Set up shots and toddlers do not mix well (unless you follow Bucksters advice). Put the kid down. Let them play. Take photos. You get what you get. I am sure your family will love the cards even if they are not award winning photographs. 





p!nK


----------



## Rocketman1978 (Dec 7, 2012)

TCampbell said:


> I'd use a large aperture, and rather than put the child immediately in front of the tree, I'd put quite a distance between the child and the tree.  (as a general guideline, I almost never put a subject immediately in front of any background... I want a LOT of space.  I make exceptions to this, but more often I find a background looks better if it's "in the background" and not immediately behind the subject.
> 
> Here's an example:
> 
> ...


Not to take over the thread but thanks for posting this, I've been researching all week about subject positioning for holiday bokeh as I want to do it tomorrow w/family.  Upon getting a new rig and learning about photography it seems family comes out of the woodwork wanting pictures done.  While I'm still learning and they know this, I feel it is a good opportunity for me.  I have a ton of notes, plan to try a bunch and see what result I'm leave with afterward, hopefully a few good shots they'll be happy with.


----------



## JodieM (Dec 11, 2012)

Try shooting in the night portrait mode. ( Person with star icon). Put a little space between your child and the tree.  Perhaps sit them in a chair with a few books to entertain them for 3 seconds.  Stand back, zoom a bit to compose your frame and shoot. Hold still for about 3 seconds after the flash so the exposure can capture the ambient light in the background.  Adjust the flash compensation + or - if need be.  This may be the quickest method with a toddler.


----------



## johnrichard (Dec 12, 2012)

manipulating shutter speed and handheld incident/flash light meter


----------



## Tony S (Dec 12, 2012)

Buckster..... a little work with the liquify tool on his ears and you have an elf.  lol


----------



## owlxxx (Dec 14, 2012)

I used a warm video light, high ISO and a pretty open aperture(2.0-1.8 or something) with my 50mm and they came out pretty good considering it was done on the fly while my daughter was stealing ornaments off the tree.


----------



## Mully (Dec 14, 2012)

I like this new one .... just brighten it up a little.  I like her eyes looking up and the big Christmas ball, nice job!


----------



## cgipson1 (Dec 14, 2012)

Rocketman1978 said:


> I am really new at photography but did some research online about taking  pictures of a tree to see what worked for others.  In the attached photo (at the bottom) I was going for clarity and sharpness to detail the beautiful job my wife did on the tree this year, however with a subject in front I would want the tree to have some amount of bokeh.  That's just my taste but I've also seen photos where both subjects were in focus and it turned out amazing, see "lil blue boo" photo immediately below (not mine, just borrowed for example of what I was trying to recreate but without the subjects in front).
> I shot the following  attached picture with my 50mm on a tripod (ISO 6400, f/2.5, 1/50), room/outside was  fully dark- only lights were the tree, adjusted white balance and sharpness in PP.

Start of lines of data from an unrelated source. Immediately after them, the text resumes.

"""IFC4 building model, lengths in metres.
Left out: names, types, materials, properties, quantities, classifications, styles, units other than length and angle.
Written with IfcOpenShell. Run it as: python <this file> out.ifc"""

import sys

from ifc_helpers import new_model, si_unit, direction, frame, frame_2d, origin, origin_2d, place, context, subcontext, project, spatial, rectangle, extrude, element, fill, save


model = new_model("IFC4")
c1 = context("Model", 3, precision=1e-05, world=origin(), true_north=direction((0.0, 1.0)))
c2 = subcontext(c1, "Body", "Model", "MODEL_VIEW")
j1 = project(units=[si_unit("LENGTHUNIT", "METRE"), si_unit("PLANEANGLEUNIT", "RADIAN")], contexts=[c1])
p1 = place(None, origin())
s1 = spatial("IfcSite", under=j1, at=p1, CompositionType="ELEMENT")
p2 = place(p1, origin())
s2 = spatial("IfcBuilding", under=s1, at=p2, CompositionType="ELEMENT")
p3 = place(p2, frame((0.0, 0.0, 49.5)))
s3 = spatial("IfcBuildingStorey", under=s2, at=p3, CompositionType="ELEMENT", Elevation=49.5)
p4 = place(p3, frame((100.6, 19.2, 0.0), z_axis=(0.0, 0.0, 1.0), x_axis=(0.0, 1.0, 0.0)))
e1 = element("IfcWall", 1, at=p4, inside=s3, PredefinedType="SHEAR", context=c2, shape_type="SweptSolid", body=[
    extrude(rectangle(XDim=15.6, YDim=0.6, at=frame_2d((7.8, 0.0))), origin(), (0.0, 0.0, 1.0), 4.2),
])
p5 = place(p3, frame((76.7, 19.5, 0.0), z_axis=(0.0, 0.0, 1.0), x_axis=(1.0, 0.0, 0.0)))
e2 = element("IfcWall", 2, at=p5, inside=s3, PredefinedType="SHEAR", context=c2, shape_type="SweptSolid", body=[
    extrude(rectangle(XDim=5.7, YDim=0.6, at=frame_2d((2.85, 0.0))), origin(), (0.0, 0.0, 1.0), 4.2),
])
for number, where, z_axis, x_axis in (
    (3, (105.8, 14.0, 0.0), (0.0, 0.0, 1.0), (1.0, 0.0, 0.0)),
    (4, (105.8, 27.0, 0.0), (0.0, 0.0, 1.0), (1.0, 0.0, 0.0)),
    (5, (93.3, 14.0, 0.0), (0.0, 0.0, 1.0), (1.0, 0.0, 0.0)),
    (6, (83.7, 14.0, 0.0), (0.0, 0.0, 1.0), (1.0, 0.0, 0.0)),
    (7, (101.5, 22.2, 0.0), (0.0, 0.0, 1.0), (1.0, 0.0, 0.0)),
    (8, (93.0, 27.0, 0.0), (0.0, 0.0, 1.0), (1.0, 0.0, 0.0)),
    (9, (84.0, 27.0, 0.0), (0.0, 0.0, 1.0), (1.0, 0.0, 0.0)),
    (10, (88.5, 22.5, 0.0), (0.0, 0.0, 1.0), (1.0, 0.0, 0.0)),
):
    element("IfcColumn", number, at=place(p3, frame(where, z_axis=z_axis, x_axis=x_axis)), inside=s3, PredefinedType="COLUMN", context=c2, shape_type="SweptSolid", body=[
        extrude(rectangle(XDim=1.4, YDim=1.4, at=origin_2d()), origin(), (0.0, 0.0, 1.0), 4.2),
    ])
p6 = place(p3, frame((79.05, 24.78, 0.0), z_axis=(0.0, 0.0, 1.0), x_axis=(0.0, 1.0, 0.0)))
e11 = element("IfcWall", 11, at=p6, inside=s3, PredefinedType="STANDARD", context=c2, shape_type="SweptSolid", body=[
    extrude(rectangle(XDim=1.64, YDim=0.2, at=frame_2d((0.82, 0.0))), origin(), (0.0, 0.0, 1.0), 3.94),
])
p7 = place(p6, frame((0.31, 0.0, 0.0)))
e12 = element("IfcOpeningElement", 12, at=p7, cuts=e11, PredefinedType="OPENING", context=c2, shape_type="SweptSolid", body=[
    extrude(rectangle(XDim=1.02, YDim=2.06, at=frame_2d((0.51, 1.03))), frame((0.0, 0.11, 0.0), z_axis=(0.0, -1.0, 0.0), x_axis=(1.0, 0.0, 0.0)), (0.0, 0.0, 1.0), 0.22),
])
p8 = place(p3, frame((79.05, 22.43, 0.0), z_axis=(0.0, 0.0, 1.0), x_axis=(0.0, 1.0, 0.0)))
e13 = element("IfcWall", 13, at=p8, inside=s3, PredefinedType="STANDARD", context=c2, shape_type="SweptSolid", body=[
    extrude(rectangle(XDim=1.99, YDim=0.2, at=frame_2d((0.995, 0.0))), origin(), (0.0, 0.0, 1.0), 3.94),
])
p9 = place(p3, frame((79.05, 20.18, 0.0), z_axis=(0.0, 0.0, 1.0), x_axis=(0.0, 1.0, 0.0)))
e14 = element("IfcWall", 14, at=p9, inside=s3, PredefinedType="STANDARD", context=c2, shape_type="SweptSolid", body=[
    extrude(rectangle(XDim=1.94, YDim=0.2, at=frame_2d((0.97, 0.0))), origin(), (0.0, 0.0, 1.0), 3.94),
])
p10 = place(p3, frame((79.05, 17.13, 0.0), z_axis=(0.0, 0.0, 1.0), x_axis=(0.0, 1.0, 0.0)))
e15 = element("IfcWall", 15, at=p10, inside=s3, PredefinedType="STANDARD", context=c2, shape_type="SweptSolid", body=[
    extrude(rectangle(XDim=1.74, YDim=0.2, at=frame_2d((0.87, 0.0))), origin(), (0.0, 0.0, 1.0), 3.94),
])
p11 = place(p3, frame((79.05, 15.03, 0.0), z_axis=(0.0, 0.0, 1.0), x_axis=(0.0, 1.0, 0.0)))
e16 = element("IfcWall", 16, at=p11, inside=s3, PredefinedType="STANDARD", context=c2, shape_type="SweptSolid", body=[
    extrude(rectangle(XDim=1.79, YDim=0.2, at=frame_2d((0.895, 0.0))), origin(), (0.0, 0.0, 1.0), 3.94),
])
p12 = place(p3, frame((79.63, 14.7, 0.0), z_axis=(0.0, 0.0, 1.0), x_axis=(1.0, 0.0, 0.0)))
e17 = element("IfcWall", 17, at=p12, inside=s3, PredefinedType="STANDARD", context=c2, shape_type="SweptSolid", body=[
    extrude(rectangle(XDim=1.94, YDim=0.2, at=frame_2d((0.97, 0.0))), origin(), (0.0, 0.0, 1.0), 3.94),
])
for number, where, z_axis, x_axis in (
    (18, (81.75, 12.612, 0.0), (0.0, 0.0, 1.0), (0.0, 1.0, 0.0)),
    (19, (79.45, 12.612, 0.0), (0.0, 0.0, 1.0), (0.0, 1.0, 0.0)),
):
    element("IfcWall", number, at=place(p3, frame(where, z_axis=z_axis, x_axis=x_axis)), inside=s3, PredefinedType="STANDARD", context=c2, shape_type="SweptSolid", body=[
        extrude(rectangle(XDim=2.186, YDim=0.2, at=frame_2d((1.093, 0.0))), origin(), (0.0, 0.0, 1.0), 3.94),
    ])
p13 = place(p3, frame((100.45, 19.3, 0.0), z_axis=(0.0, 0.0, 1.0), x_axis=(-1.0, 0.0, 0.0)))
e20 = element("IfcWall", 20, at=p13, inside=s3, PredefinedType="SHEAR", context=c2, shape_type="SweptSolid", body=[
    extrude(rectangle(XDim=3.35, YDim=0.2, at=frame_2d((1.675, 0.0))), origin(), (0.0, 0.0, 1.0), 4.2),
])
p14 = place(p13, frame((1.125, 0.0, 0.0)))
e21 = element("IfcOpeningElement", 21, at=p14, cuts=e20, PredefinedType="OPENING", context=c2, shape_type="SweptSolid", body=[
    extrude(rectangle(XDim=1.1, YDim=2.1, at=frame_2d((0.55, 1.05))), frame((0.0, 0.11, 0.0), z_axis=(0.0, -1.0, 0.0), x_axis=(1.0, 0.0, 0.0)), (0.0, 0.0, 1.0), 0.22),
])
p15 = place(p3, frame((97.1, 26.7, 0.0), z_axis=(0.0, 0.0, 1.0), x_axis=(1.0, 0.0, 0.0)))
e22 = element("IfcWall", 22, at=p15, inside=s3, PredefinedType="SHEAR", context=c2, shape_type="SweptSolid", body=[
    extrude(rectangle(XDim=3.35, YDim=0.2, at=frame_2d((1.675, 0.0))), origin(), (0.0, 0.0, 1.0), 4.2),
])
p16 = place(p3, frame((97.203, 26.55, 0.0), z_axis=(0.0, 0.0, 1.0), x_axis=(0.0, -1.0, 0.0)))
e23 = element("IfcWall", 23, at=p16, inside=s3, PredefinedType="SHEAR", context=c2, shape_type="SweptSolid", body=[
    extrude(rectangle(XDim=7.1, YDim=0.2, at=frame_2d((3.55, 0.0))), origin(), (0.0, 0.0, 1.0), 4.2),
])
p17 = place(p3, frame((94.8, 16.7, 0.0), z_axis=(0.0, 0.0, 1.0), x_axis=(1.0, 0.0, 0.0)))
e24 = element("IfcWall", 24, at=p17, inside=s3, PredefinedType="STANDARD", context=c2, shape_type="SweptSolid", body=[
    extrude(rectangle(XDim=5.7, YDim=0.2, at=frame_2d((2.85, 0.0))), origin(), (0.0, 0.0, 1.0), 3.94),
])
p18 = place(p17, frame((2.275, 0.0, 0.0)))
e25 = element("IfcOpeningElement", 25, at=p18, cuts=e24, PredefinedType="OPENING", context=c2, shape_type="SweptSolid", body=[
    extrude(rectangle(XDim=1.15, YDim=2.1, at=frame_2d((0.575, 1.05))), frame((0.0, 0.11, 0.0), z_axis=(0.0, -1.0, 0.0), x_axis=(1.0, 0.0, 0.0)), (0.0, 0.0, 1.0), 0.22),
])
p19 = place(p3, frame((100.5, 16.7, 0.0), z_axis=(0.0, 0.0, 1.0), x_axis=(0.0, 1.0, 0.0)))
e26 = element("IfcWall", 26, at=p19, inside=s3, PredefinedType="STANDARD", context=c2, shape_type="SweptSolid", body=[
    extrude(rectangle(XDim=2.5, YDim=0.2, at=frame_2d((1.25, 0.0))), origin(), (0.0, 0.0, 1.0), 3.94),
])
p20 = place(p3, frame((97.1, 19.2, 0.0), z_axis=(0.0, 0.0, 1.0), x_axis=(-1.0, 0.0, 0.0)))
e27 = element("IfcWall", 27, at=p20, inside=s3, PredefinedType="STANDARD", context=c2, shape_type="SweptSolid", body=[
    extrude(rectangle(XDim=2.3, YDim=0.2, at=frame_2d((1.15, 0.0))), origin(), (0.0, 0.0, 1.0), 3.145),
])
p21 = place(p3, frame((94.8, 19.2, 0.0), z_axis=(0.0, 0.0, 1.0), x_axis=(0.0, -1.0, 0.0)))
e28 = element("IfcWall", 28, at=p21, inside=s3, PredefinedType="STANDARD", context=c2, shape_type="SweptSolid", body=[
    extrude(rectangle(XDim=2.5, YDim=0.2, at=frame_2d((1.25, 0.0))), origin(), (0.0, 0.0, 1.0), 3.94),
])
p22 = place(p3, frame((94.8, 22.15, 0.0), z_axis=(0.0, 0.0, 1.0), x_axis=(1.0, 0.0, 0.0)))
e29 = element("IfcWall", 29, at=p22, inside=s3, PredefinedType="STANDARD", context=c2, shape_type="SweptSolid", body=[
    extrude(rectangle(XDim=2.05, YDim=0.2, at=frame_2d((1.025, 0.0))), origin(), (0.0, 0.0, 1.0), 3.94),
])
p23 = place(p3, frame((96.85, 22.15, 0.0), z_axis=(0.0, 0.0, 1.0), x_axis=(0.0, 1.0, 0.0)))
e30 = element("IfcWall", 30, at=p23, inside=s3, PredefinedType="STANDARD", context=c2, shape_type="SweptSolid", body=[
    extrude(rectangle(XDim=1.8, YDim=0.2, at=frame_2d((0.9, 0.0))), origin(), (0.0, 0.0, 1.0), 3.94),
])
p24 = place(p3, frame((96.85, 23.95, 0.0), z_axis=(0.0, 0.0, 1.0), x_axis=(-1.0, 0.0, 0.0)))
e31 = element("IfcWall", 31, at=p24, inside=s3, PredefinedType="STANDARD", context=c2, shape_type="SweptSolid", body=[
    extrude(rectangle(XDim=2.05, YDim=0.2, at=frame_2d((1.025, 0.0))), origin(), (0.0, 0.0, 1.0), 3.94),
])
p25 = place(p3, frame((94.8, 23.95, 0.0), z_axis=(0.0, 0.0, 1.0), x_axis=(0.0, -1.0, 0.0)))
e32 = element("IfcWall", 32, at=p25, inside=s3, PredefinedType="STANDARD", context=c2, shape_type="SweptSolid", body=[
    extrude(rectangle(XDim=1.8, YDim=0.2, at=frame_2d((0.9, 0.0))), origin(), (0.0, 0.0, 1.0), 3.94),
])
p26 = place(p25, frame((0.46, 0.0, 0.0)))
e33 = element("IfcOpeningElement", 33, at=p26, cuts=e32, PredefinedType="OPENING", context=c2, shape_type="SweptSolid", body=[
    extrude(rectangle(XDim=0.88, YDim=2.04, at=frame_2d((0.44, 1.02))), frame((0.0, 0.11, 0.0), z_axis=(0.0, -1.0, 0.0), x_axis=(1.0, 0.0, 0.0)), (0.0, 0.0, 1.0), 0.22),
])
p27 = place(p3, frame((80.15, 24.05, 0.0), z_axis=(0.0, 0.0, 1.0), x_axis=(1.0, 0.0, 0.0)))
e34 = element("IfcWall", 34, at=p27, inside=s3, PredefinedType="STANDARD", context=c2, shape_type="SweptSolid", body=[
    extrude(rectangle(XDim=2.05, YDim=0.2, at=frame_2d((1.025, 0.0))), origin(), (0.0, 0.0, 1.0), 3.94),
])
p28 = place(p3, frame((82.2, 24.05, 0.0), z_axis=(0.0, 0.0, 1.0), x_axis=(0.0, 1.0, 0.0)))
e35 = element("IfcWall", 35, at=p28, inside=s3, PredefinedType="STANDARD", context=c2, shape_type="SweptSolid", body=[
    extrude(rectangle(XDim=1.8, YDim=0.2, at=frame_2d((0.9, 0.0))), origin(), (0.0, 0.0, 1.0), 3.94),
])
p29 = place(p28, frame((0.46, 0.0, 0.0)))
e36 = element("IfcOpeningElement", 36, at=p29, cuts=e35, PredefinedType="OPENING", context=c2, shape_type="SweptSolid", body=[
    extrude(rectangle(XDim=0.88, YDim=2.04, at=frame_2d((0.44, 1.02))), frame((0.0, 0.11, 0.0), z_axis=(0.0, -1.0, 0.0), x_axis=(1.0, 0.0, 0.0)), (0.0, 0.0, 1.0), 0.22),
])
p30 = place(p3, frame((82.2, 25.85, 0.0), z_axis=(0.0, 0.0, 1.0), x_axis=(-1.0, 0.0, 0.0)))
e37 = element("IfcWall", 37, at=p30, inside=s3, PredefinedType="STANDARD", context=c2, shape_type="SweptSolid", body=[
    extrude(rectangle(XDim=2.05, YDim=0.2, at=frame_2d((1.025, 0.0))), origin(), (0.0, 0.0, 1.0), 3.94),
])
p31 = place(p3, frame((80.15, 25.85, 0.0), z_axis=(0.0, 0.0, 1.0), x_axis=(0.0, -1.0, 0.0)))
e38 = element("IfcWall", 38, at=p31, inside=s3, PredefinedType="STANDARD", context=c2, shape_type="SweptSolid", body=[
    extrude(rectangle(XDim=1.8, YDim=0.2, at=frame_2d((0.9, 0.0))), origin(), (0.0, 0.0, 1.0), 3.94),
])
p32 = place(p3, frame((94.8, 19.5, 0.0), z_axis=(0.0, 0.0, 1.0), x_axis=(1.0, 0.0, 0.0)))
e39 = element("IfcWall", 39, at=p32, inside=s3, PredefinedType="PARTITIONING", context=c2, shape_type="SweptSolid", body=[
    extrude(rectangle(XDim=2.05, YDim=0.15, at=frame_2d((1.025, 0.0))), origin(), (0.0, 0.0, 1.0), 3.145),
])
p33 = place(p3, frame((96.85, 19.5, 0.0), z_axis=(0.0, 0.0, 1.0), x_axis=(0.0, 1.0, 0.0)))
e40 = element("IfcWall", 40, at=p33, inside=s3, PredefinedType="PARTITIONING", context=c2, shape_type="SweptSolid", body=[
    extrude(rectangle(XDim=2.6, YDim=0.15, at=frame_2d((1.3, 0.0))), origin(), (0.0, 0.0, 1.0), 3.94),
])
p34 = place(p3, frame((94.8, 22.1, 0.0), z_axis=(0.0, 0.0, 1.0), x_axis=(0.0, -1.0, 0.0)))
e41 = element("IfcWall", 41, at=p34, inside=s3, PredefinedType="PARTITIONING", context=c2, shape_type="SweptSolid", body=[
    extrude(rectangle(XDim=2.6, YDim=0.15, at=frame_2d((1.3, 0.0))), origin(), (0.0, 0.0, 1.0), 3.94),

Based on title of the post... the toddler is probably more important than the tree! And your shots are toddler-less.... how is that going to help? (oh.. and the first shot you posted is badly in need of fill on the foreground subjects - bad example)! Shooting a just a tree is much simpler than exposing for a foreground subject, and the tree also...


----------



## cgipson1 (Dec 14, 2012)

johnrichard said:


> manipulating shutter speed and handheld incident/flash light meter!



Thats informative... NOT! Care to elucidate verbosely?


----------



## tirediron (Dec 14, 2012)

cgipson1 said:


> johnrichard said:
> 
> 
> > manipulating shutter speed and handheld incident/flash light meter!
> ...


Let me guess Charlie, Alphabits for breakfast again?


----------



## Rocketman1978 (Dec 14, 2012)

cgipson1 said:


> Rocketman1978 said:
> 
> 
> > I am really new at photography but did some research online about taking  pictures of a tree to see what worked for others.  In the attached photo (at the bottom) I was going for clarity and sharpness to detail the beautiful job my wife did on the tree this year, however with a subject in front I would want the tree to have some amount of bokeh.  That's just my taste but I've also seen photos where both subjects were in focus and it turned out amazing, see "lil blue boo" photo immediately below (not mine, just borrowed for example of what I was trying to recreate but without the subjects in front).
> ...


Relax forum police, I did post a picture of a child in front of a tree, albeit not a toddler nor did I take it but I did follow her suggestions and then posted my resulting photo. Tim posted a photo of an adult in front of a tree yet you chose to jump on my case?  No disrespect but responses such as yours cause beginners like me to be reluctant to post, I don't see that as beneficial to TPF, are you trying to help or hinder??  Both of your posts help the OP in no way whatsoever, I would venture to guess my post was more of a help than your 2.  We're not all professionals, this was posted in the "beginners" forum so if you don't like something posted by a beginner please ignore it.


----------



## cgipson1 (Dec 15, 2012)

Rocketman1978 said:


> cgipson1 said:
> 
> 
> > Rocketman1978 said:
> ...



lol! yea.. you posted a bad photo of kids (that were underexposed) in front of a tree. You did not take the photo. You did not say that it was bad.. you intimated that it was good. You did not explain how to even achieve that bad photo... or how to improve on the bad photo. How does that help the OP? You also posted an image of a tree (and only a tree) that you did shoot... and gave your settings for that shot. Those settings would only be helpful if the OP was shooting only a tree... and also only a tree that had approximately the same lighting as your tree. If the OP's tree is much brighter, or much dimmer... your settings wont work! So how did you help the OP? Especially when your settings wont work with a child in front of the tree... (except it might give results similar to the bad photo you posted)!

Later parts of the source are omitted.